Data Mining Methods & Association Rule
In data mining, there are several methods that can be implemented:
Classification is the most common method of data mining. Business issues such as Churn Analysis and Risk Management usually involve Classification methods. Classification is an action to assign a group to each situation. Each state contains a group of attributes, one of which is the class attribute. This method needs to find a model that can explain the class attribute as a function of the input attribute.
Clustering is also referred to as segmentation. This method is used to identify the natural group of a case based on a group of attributes, grouping data that have similar attributes. Clustering is an unsupervised data mining method, because no single attribute is used to guide the learning process, so all input attributes are treated the same. Most clustering algorithms build a model through a series of iterations and stop when the model centers or converges (the boundaries of this segmentation have stabilized).
Association is also known as Market Basket Analysis. A typical business problem is analyzing sales transaction tables and identifying products that customers often buy together, for example when people buy chili sauce, they usually buy soy sauce. In terms of association, each item is considered information.
The method of association has two purposes:
– To find out what products are usually sold together
– To find out what are the rules that cause these similarities.
The Regression method is similar to the Classification method, what distinguishes it is that the regression method cannot look for patterns that are described as classes. The regression method aims to look for patterns and determine a numerical value. A simple linear line-fitting technique is an example of regression, where the result is a function to determine the result based on the value of the input. A more sophisticated form of regression already supports category input, so it’s not just numeric input. The most popular techniques used for regression are linear regression and logistic regression. Other techniques supported by SQL Server Data mining are Regression Trees (part of the Microsoft Decission Trees algorithm) and Neural Networks.
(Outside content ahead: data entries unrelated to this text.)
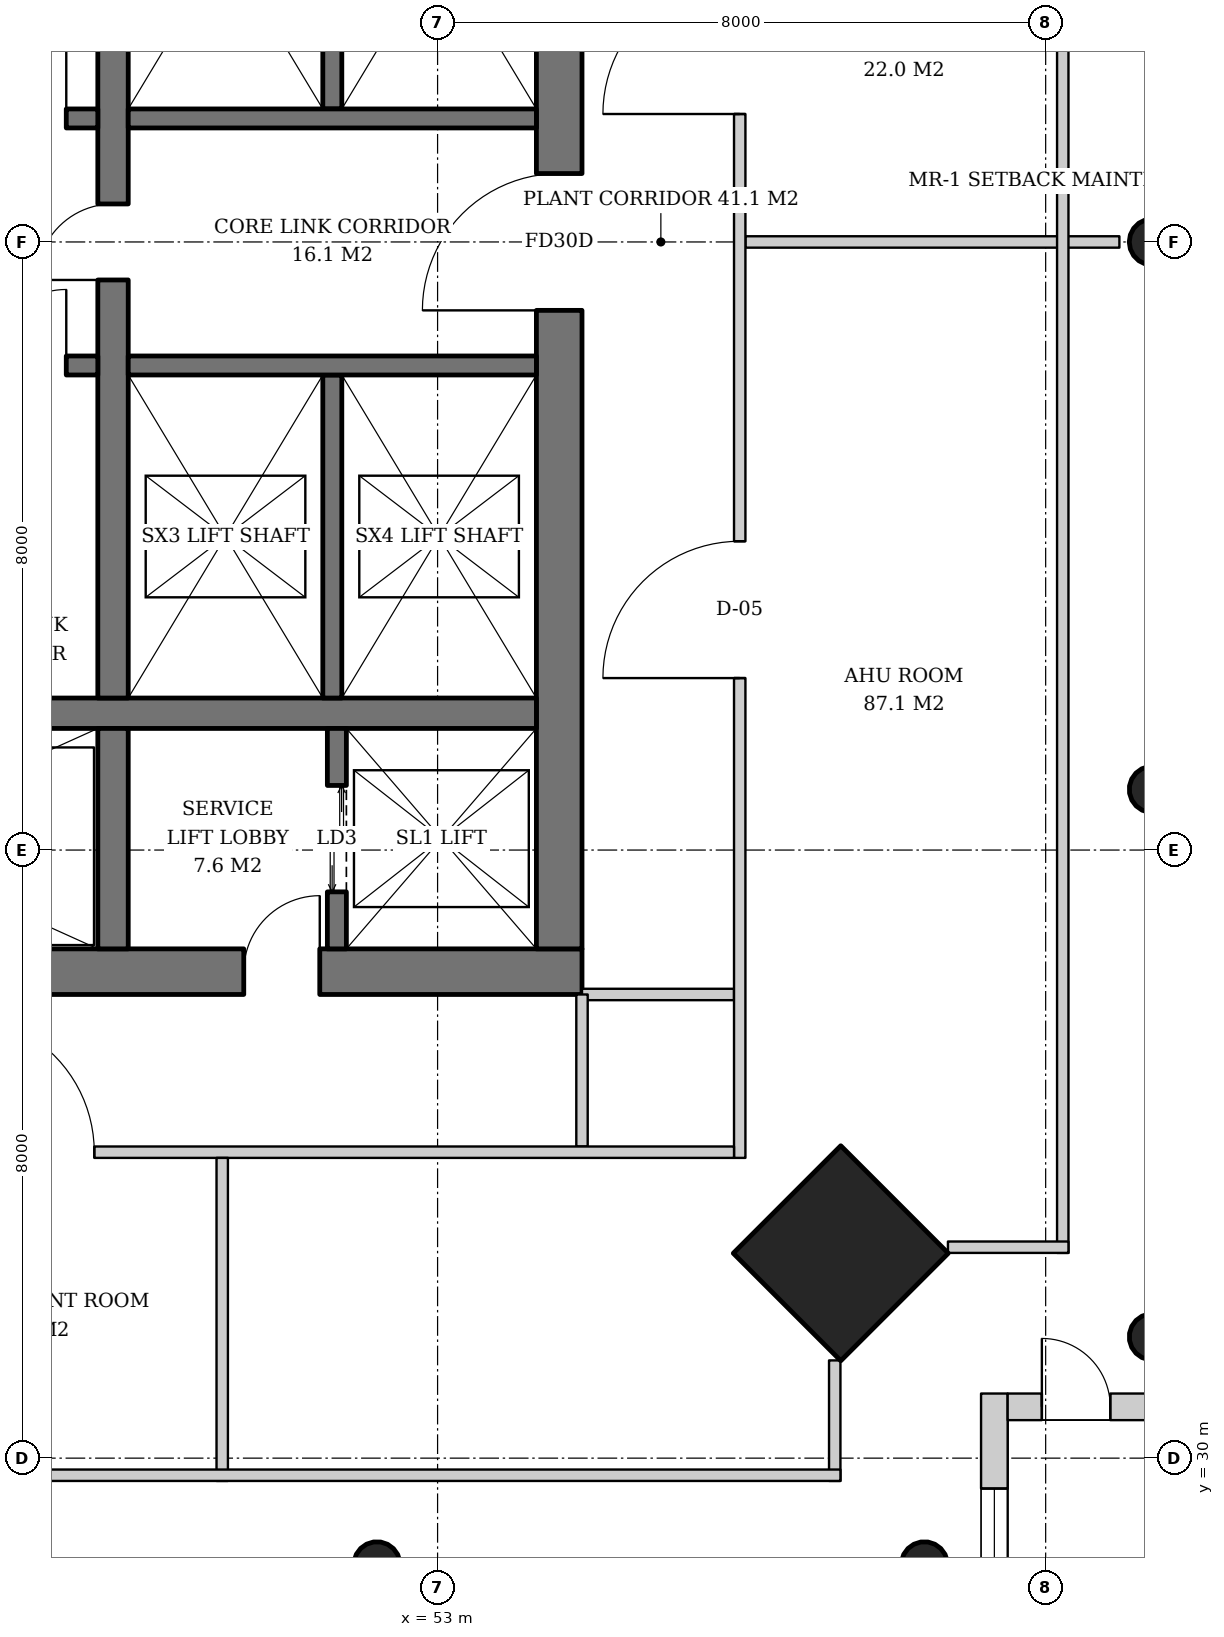
"""IFC4 building model, lengths in metres.
Left out: names, types, materials, properties, quantities, classifications, styles, units other than length and angle.
Written with IfcOpenShell. Run it as: python <this file> out.ifc"""

import sys

from ifc_helpers import new_model, si_unit, direction, frame, frame_2d, origin, origin_2d, place, context, subcontext, project, spatial, rectangle, hollow_circle, extrude, element, fill, save


model = new_model("IFC4")
c1 = context("Model", 3, precision=1e-05, world=origin(), true_north=direction((0.0, 1.0)))
c2 = subcontext(c1, "Body", "Model", "MODEL_VIEW")
j1 = project(units=[si_unit("LENGTHUNIT", "METRE"), si_unit("PLANEANGLEUNIT", "RADIAN")], contexts=[c1])
p1 = place(None, origin())
s1 = spatial("IfcSite", under=j1, at=p1, CompositionType="ELEMENT")
p2 = place(p1, origin())
s2 = spatial("IfcBuilding", under=s1, at=p2, CompositionType="ELEMENT")
p3 = place(p2, frame((0.0, 0.0, 226.2)))
s3 = spatial("IfcBuildingStorey", under=s2, at=p3, CompositionType="ELEMENT", Elevation=226.2)
p4 = place(p3, frame((62.443, 31.557, 0.0), z_axis=(-0.031898107953, 0.031898107953, 0.998981992539), x_axis=(-0.707106781187, -0.707106781187, 0.0)))
e1 = element("IfcColumn", 1, at=p4, inside=s3, PredefinedType="COLUMN", context=c2, shape_type="SweptSolid", body=[
    extrude(hollow_circle(Radius=0.305, WallThickness=0.025, at=origin_2d()), origin(), (0.0, 0.0, 1.0), 3.804),
])
p5 = place(p3, frame((62.443, 38.779, 0.0), z_axis=(-0.031910269556, 0.015987237665, 0.999362868496), x_axis=(-0.447933021895, -0.894067115991, 0.0)))
e2 = element("IfcColumn", 2, at=p5, inside=s3, PredefinedType="COLUMN", context=c2, shape_type="SweptSolid", body=[
    extrude(hollow_circle(Radius=0.305, WallThickness=0.025, at=origin_2d()), origin(), (0.0, 0.0, 1.0), 3.802),
])
p6 = place(p3, frame((62.443, 46.0, 0.0), z_axis=(-0.031914348339, 0.0, 0.999490607445), x_axis=(0.0, -1.0, 0.0)))
e3 = element("IfcColumn", 3, at=p6, inside=s3, PredefinedType="COLUMN", context=c2, shape_type="SweptSolid", body=[
    extrude(hollow_circle(Radius=0.305, WallThickness=0.025, at=origin_2d()), origin(), (0.0, 0.0, 1.0), 3.802),
])
p7 = place(p3, frame((58.343, 32.657, 0.0), z_axis=(-0.031898107953, 0.031898107953, 0.998981992539), x_axis=(-0.707106781187, -0.707106781187, 0.0)))
e4 = element("IfcColumn", 4, at=p7, inside=s3, PredefinedType="COLUMN", context=c2, shape_type="SweptSolid", body=[
    extrude(rectangle(XDim=2.0, YDim=2.0, at=origin_2d()), origin(), (0.0, 0.0, 1.0), 3.804),
])
p8 = place(p3, frame((59.443, 28.557, 0.0), z_axis=(-0.031898107953, 0.031898107953, 0.998981992539), x_axis=(-0.707106781187, -0.707106781187, 0.0)))
e5 = element("IfcColumn", 5, at=p8, inside=s3, PredefinedType="COLUMN", context=c2, shape_type="SweptSolid", body=[
    extrude(hollow_circle(Radius=0.305, WallThickness=0.025, at=origin_2d()), origin(), (0.0, 0.0, 1.0), 3.804),
])
p9 = place(p3, frame((52.221, 28.557, 0.0), z_axis=(-0.015987237665, 0.031910269556, 0.999362868496), x_axis=(-0.894067115991, -0.447933021895, 0.0)))
e6 = element("IfcColumn", 6, at=p9, inside=s3, PredefinedType="COLUMN", context=c2, shape_type="SweptSolid", body=[
    extrude(hollow_circle(Radius=0.305, WallThickness=0.025, at=origin_2d()), origin(), (0.0, 0.0, 1.0), 3.802),
])
p10 = place(p3, frame((35.1, 36.4, 0.0), z_axis=(0.0, 0.0, 1.0), x_axis=(1.0, 0.0, 0.0)))
e7 = element("IfcWall", 7, at=p10, inside=s3, PredefinedType="SHEAR", context=c2, shape_type="SweptSolid", body=[
    extrude(rectangle(XDim=19.8, YDim=0.6, at=frame_2d((9.9, 0.0))), origin(), (0.0, 0.0, 1.0), 3.8),
])
p11 = place(p10, frame((3.9, 0.0, 0.0)))
e8 = element("IfcOpeningElement", 8, at=p11, cuts=e7, PredefinedType="OPENING", context=c2, shape_type="SweptSolid", body=[
    extrude(rectangle(XDim=1.0, YDim=2.1, at=frame_2d((0.5, 1.05))), frame((0.0, 0.31, 0.0), z_axis=(0.0, -1.0, 0.0), x_axis=(1.0, 0.0, 0.0)), (0.0, 0.0, 1.0), 0.62),
])
p12 = place(p10, frame((15.35, 0.0, 0.0)))
e9 = element("IfcOpeningElement", 9, at=p12, cuts=e7, PredefinedType="OPENING", context=c2, shape_type="SweptSolid", body=[
    extrude(rectangle(XDim=1.0, YDim=2.1, at=frame_2d((0.5, 1.05))), frame((0.0, 0.31, 0.0), z_axis=(0.0, -1.0, 0.0), x_axis=(1.0, 0.0, 0.0)), (0.0, 0.0, 1.0), 0.62),
])
p13 = place(p3, frame((54.6, 36.7, 0.0), z_axis=(0.0, 0.0, 1.0), x_axis=(0.0, 1.0, 0.0)))
e10 = element("IfcWall", 10, at=p13, inside=s3, PredefinedType="SHEAR", context=c2, shape_type="SweptSolid", body=[
    extrude(rectangle(XDim=18.6, YDim=0.6, at=frame_2d((9.3, 0.0))), origin(), (0.0, 0.0, 1.0), 3.8),
])
p14 = place(p13, frame((8.4, 0.0, 0.0)))
e11 = element("IfcOpeningElement", 11, at=p14, cuts=e10, PredefinedType="OPENING", context=c2, shape_type="SweptSolid", body=[
    extrude(rectangle(XDim=1.8, YDim=2.4, at=frame_2d((0.9, 1.2))), frame((0.0, 0.31, 0.0), z_axis=(0.0, -1.0, 0.0), x_axis=(1.0, 0.0, 0.0)), (0.0, 0.0, 1.0), 0.62),
])
p15 = place(p3, frame((35.7, 39.8, 0.0), z_axis=(0.0, 0.0, 1.0), x_axis=(1.0, 0.0, 0.0)))
e12 = element("IfcWall", 12, at=p15, inside=s3, PredefinedType="SHEAR", context=c2, shape_type="SweptSolid", body=[
    extrude(rectangle(XDim=18.6, YDim=0.4, at=frame_2d((9.3, 0.0))), origin(), (0.0, 0.0, 1.0), 3.8),
])
p16 = place(p15, frame((3.3, 0.0, 0.0)))
e13 = element("IfcOpeningElement", 13, at=p16, cuts=e12, PredefinedType="OPENING", context=c2, shape_type="SweptSolid", body=[
    extrude(rectangle(XDim=1.0, YDim=2.1, at=frame_2d((0.5, 1.05))), frame((0.0, 0.21, 0.0), z_axis=(0.0, -1.0, 0.0), x_axis=(1.0, 0.0, 0.0)), (0.0, 0.0, 1.0), 0.42),
])
p17 = place(p3, frame((48.73, 36.7, 0.0), z_axis=(0.0, 0.0, 1.0), x_axis=(0.0, 1.0, 0.0)))
e14 = element("IfcWall", 14, at=p17, inside=s3, PredefinedType="SHEAR", context=c2, shape_type="SweptSolid", body=[
    extrude(rectangle(XDim=2.9, YDim=0.4, at=frame_2d((1.45, 0.0))), origin(), (0.0, 0.0, 1.0), 3.8),
])
p18 = place(p3, frame((48.73, 40.0, 0.0), z_axis=(0.0, 0.0, 1.0), x_axis=(0.0, 1.0, 0.0)))
e15 = element("IfcWall", 15, at=p18, inside=s3, PredefinedType="SHEAR", context=c2, shape_type="SweptSolid", body=[
    extrude(rectangle(XDim=12.0, YDim=0.4, at=frame_2d((6.0, 0.0))), origin(), (0.0, 0.0, 1.0), 3.8),
])
p19 = place(p18, frame((5.5, 0.0, 0.0)))
e16 = element("IfcOpeningElement", 16, at=p19, cuts=e15, PredefinedType="OPENING", context=c2, shape_type="SweptSolid", body=[
    extrude(rectangle(XDim=1.0, YDim=2.1, at=frame_2d((0.5, 1.05))), frame((0.0, 0.21, 0.0), z_axis=(0.0, -1.0, 0.0), x_axis=(1.0, 0.0, 0.0)), (0.0, 0.0, 1.0), 0.42),
])
p20 = place(p3, frame((60.325, 27.5, 0.0), z_axis=(0.0, 0.0, 1.0), x_axis=(0.0, 1.0, 0.0)))
e17 = element("IfcWall", 17, at=p20, inside=s3, PredefinedType="SOLIDWALL", context=c2, shape_type="SweptSolid", body=[
    extrude(rectangle(XDim=3.35, YDim=0.35, at=frame_2d((1.675, 0.0))), origin(), (0.0, 0.0, 1.0), 3.52),
])
p21 = place(p20, frame((0.9, 0.0, 0.6)))
e18 = element("IfcOpeningElement", 18, at=p21, cuts=e17, PredefinedType="OPENING", context=c2, shape_type="SweptSolid", body=[
    extrude(rectangle(XDim=1.2, YDim=2.55, at=frame_2d((0.6, 1.275))), frame((0.0, 0.185, 0.0), z_axis=(0.0, -1.0, 0.0), x_axis=(1.0, 0.0, 0.0)), (0.0, 0.0, 1.0), 0.37),
])
p22 = place(p3, frame((60.5, 30.675, 0.0), z_axis=(0.0, 0.0, 1.0), x_axis=(1.0, 0.0, 0.0)))
e19 = element("IfcWall", 19, at=p22, inside=s3, PredefinedType="SOLIDWALL", context=c2, shape_type="SweptSolid", body=[
    extrude(rectangle(XDim=3.0, YDim=0.35, at=frame_2d((1.5, 0.0))), origin(), (0.0, 0.0, 1.0), 3.52),
])
p23 = place(p22, frame((0.45, 0.0, 0.0)))
e20 = element("IfcOpeningElement", 20, at=p23, cuts=e19, PredefinedType="OPENING", context=c2, shape_type="SweptSolid", body=[
    extrude(rectangle(XDim=0.9, YDim=2.1, at=frame_2d((0.45, 1.05))), frame((0.0, 0.185, 0.0), z_axis=(0.0, -1.0, 0.0), x_axis=(1.0, 0.0, 0.0)), (0.0, 0.0, 1.0), 0.37),
])
p24 = place(p3, frame((51.675, 36.7, 0.0), z_axis=(0.0, 0.0, 1.0), x_axis=(0.0, 1.0, 0.0)))
e21 = element("IfcWall", 21, at=p24, inside=s3, PredefinedType="SHEAR", context=c2, shape_type="SweptSolid", body=[
    extrude(rectangle(XDim=2.9, YDim=0.25, at=frame_2d((1.45, 0.0))), origin(), (0.0, 0.0, 1.0), 3.8),
])
p25 = place(p24, frame((0.75, 0.0, 0.0)))
e22 = element("IfcOpeningElement", 22, at=p25, cuts=e21, PredefinedType="OPENING", context=c2, shape_type="SweptSolid", body=[
    extrude(rectangle(XDim=1.4, YDim=2.4, at=frame_2d((0.7, 1.2))), frame((0.0, 0.135, 0.0), z_axis=(0.0, -1.0, 0.0), x_axis=(1.0, 0.0, 0.0)), (0.0, 0.0, 1.0), 0.27),
])
p26 = place(p3, frame((35.7, 47.625, 0.0), z_axis=(0.0, 0.0, 1.0), x_axis=(1.0, 0.0, 0.0)))
e23 = element("IfcWall", 23, at=p26, inside=s3, PredefinedType="SHEAR", context=c2, shape_type="SweptSolid", body=[
    extrude(rectangle(XDim=12.83, YDim=0.25, at=frame_2d((6.415, 0.0))), origin(), (0.0, 0.0, 1.0), 3.8),
])
p27 = place(p26, frame((9.0, 0.0, 0.0)))
e24 = element("IfcOpeningElement", 24, at=p27, cuts=e23, PredefinedType="OPENING", context=c2, shape_type="SweptSolid", body=[
    extrude(rectangle(XDim=1.0, YDim=2.1, at=frame_2d((0.5, 1.05))), frame((0.0, 0.135, 0.0), z_axis=(0.0, -1.0, 0.0), x_axis=(1.0, 0.0, 0.0)), (0.0, 0.0, 1.0), 0.27),
])
p28 = place(p26, frame((11.415, 0.0, 0.0)))
e25 = element("IfcOpeningElement", 25, at=p28, cuts=e23, PredefinedType="OPENING", context=c2, shape_type="SweptSolid", body=[
    extrude(rectangle(XDim=1.0, YDim=2.1, at=frame_2d((0.5, 1.05))), frame((0.0, 0.135, 0.0), z_axis=(0.0, -1.0, 0.0), x_axis=(1.0, 0.0, 0.0)), (0.0, 0.0, 1.0), 0.27),
])
p29 = place(p3, frame((35.7, 44.375, 0.0), z_axis=(0.0, 0.0, 1.0), x_axis=(1.0, 0.0, 0.0)))
e26 = element("IfcWall", 26, at=p29, inside=s3, PredefinedType="SHEAR", context=c2, shape_type="SweptSolid", body=[
    extrude(rectangle(XDim=12.83, YDim=0.25, at=frame_2d((6.415, 0.0))), origin(), (0.0, 0.0, 1.0), 3.8),
])
p30 = place(p29, frame((9.0, 0.0, 0.0)))
e27 = element("IfcOpeningElement", 27, at=p30, cuts=e26, PredefinedType="OPENING", context=c2, shape_type="SweptSolid", body=[
    extrude(rectangle(XDim=1.0, YDim=2.1, at=frame_2d((0.5, 1.05))), frame((0.0, 0.135, 0.0), z_axis=(0.0, -1.0, 0.0), x_axis=(1.0, 0.0, 0.0)), (0.0, 0.0, 1.0), 0.27),
])
p31 = place(p29, frame((11.415, 0.0, 0.0)))
e28 = element("IfcOpeningElement", 28, at=p31, cuts=e26, PredefinedType="OPENING", context=c2, shape_type="SweptSolid", body=[
    extrude(rectangle(XDim=1.0, YDim=2.1, at=frame_2d((0.5, 1.05))), frame((0.0, 0.135, 0.0), z_axis=(0.0, -1.0, 0.0), x_axis=(1.0, 0.0, 0.0)), (0.0, 0.0, 1.0), 0.27),
])
p32 = place(p3, frame((51.615, 47.75, 0.0), z_axis=(0.0, 0.0, 1.0), x_axis=(0.0, 1.0, 0.0)))
e29 = element("IfcWall", 29, at=p32, inside=s3, PredefinedType="SHEAR", context=c2, shape_type="SweptSolid", body=[
    extrude(rectangle(XDim=4.25, YDim=0.25, at=frame_2d((2.125, 0.0))), origin(), (0.0, 0.0, 1.0), 3.8),
])
p33 = place(p3, frame((48.93, 47.625, 0.0), z_axis=(0.0, 0.0, 1.0), x_axis=(1.0, 0.0, 0.0)))
e30 = element("IfcWall", 30, at=p33, inside=s3, PredefinedType="SHEAR", context=c2, shape_type="SweptSolid", body=[
    extrude(rectangle(XDim=5.37, YDim=0.25, at=frame_2d((2.685, 0.0))), origin(), (0.0, 0.0, 1.0), 3.8),
])
p34 = place(p3, frame((51.615, 44.25, 0.0), z_axis=(0.0, 0.0, 1.0), x_axis=(0.0, -1.0, 0.0)))
e31 = element("IfcWall", 31, at=p34, inside=s3, PredefinedType="SHEAR", context=c2, shape_type="SweptSolid", body=[
    extrude(rectangle(XDim=4.25, YDim=0.25, at=frame_2d((2.125, 0.0))), origin(), (0.0, 0.0, 1.0), 3.8),
])
p35 = place(p3, frame((48.93, 44.375, 0.0), z_axis=(0.0, 0.0, 1.0), x_axis=(1.0, 0.0, 0.0)))
e32 = element("IfcWall", 32, at=p35, inside=s3, PredefinedType="SHEAR", context=c2, shape_type="SweptSolid", body=[
    extrude(rectangle(XDim=5.37, YDim=0.25, at=frame_2d((2.685, 0.0))), origin(), (0.0, 0.0, 1.0), 3.8),
])
p36 = place(p3, frame((54.9, 36.1, 0.0), z_axis=(0.0, 0.0, 1.0), x_axis=(1.0, 0.0, 0.0)))
e33 = element("IfcWall", 33, at=p36, inside=s3, PredefinedType="PARTITIONING", context=c2, shape_type="SweptSolid", body=[
    extrude(rectangle(XDim=2.0, YDim=0.15, at=frame_2d((1.0, 0.0))), origin(), (0.0, 0.0, 1.0), 3.52),
])
p37 = place(p3, frame((57.05, 46.0, 0.0), z_axis=(0.0, 0.0, 1.0), x_axis=(1.0, 0.0, 0.0)))
e34 = element("IfcWall", 34, at=p37, inside=s3, PredefinedType="SOLIDWALL", context=c2, shape_type="SweptSolid", body=[
    extrude(rectangle(XDim=4.92, YDim=0.15, at=frame_2d((2.46, 0.0))), origin(), (0.0, 0.0, 1.0), 3.52),
])
p38 = place(p3, frame((56.975, 33.95, 0.0), z_axis=(0.0, 0.0, 1.0), x_axis=(0.0, 1.0, 0.0)))
e35 = element("IfcWall", 35, at=p38, inside=s3, PredefinedType="SOLIDWALL", context=c2, shape_type="SweptSolid", body=[
    extrude(rectangle(XDim=23.95, YDim=0.15, at=frame_2d((11.975, 0.0))), origin(), (0.0, 0.0, 1.0), 2.706),
])
p39 = place(p38, frame((6.312, 0.0, 0.0)))
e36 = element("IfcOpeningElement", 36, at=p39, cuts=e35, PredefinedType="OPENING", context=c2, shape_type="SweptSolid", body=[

Regression is used to solve many business problems – for example for estimating distribution methods, distribution capacity, seasons and for estimating wind speed based on temperature, air pressure, and humidity.
Forecasting is also a very important data mining method. Examples are used to answer questions like the following:
– What will the stock value of JP Morgan Chase & Co. (on the NASDAQ, symbolized as JPM) look like on the next day?
– How much will the sales of certain products be in the next month?
Forecasting techniques can help answer the questions above. As input, the Forecasting technique will take a series of numbers that show the value that passes over time and then this Forecasting Technique will connect the future value using various machine-learning techniques and statistical techniques related to seasons, trends, and noise in data.
- Sequence Analysis
Sequence Anlysis is used to look for patterns in a series of events called Sequences. Both the sequence and time-series data are similar, they both contain close views in which the order depends. The difference is that a time-series contains numeric data, and a sequence series contains unique parts.
- Deviation Analysis
Deviation Analysis is used to look for cases that act very differently than normal. The use of deviation analysis is very broad, the most common of which is the detection of credit card misuse. Identifying abnormal cases among the millions of transactions is a very challenging job. Other uses include detecting computer network intrusions, analyzing production errors, and so on.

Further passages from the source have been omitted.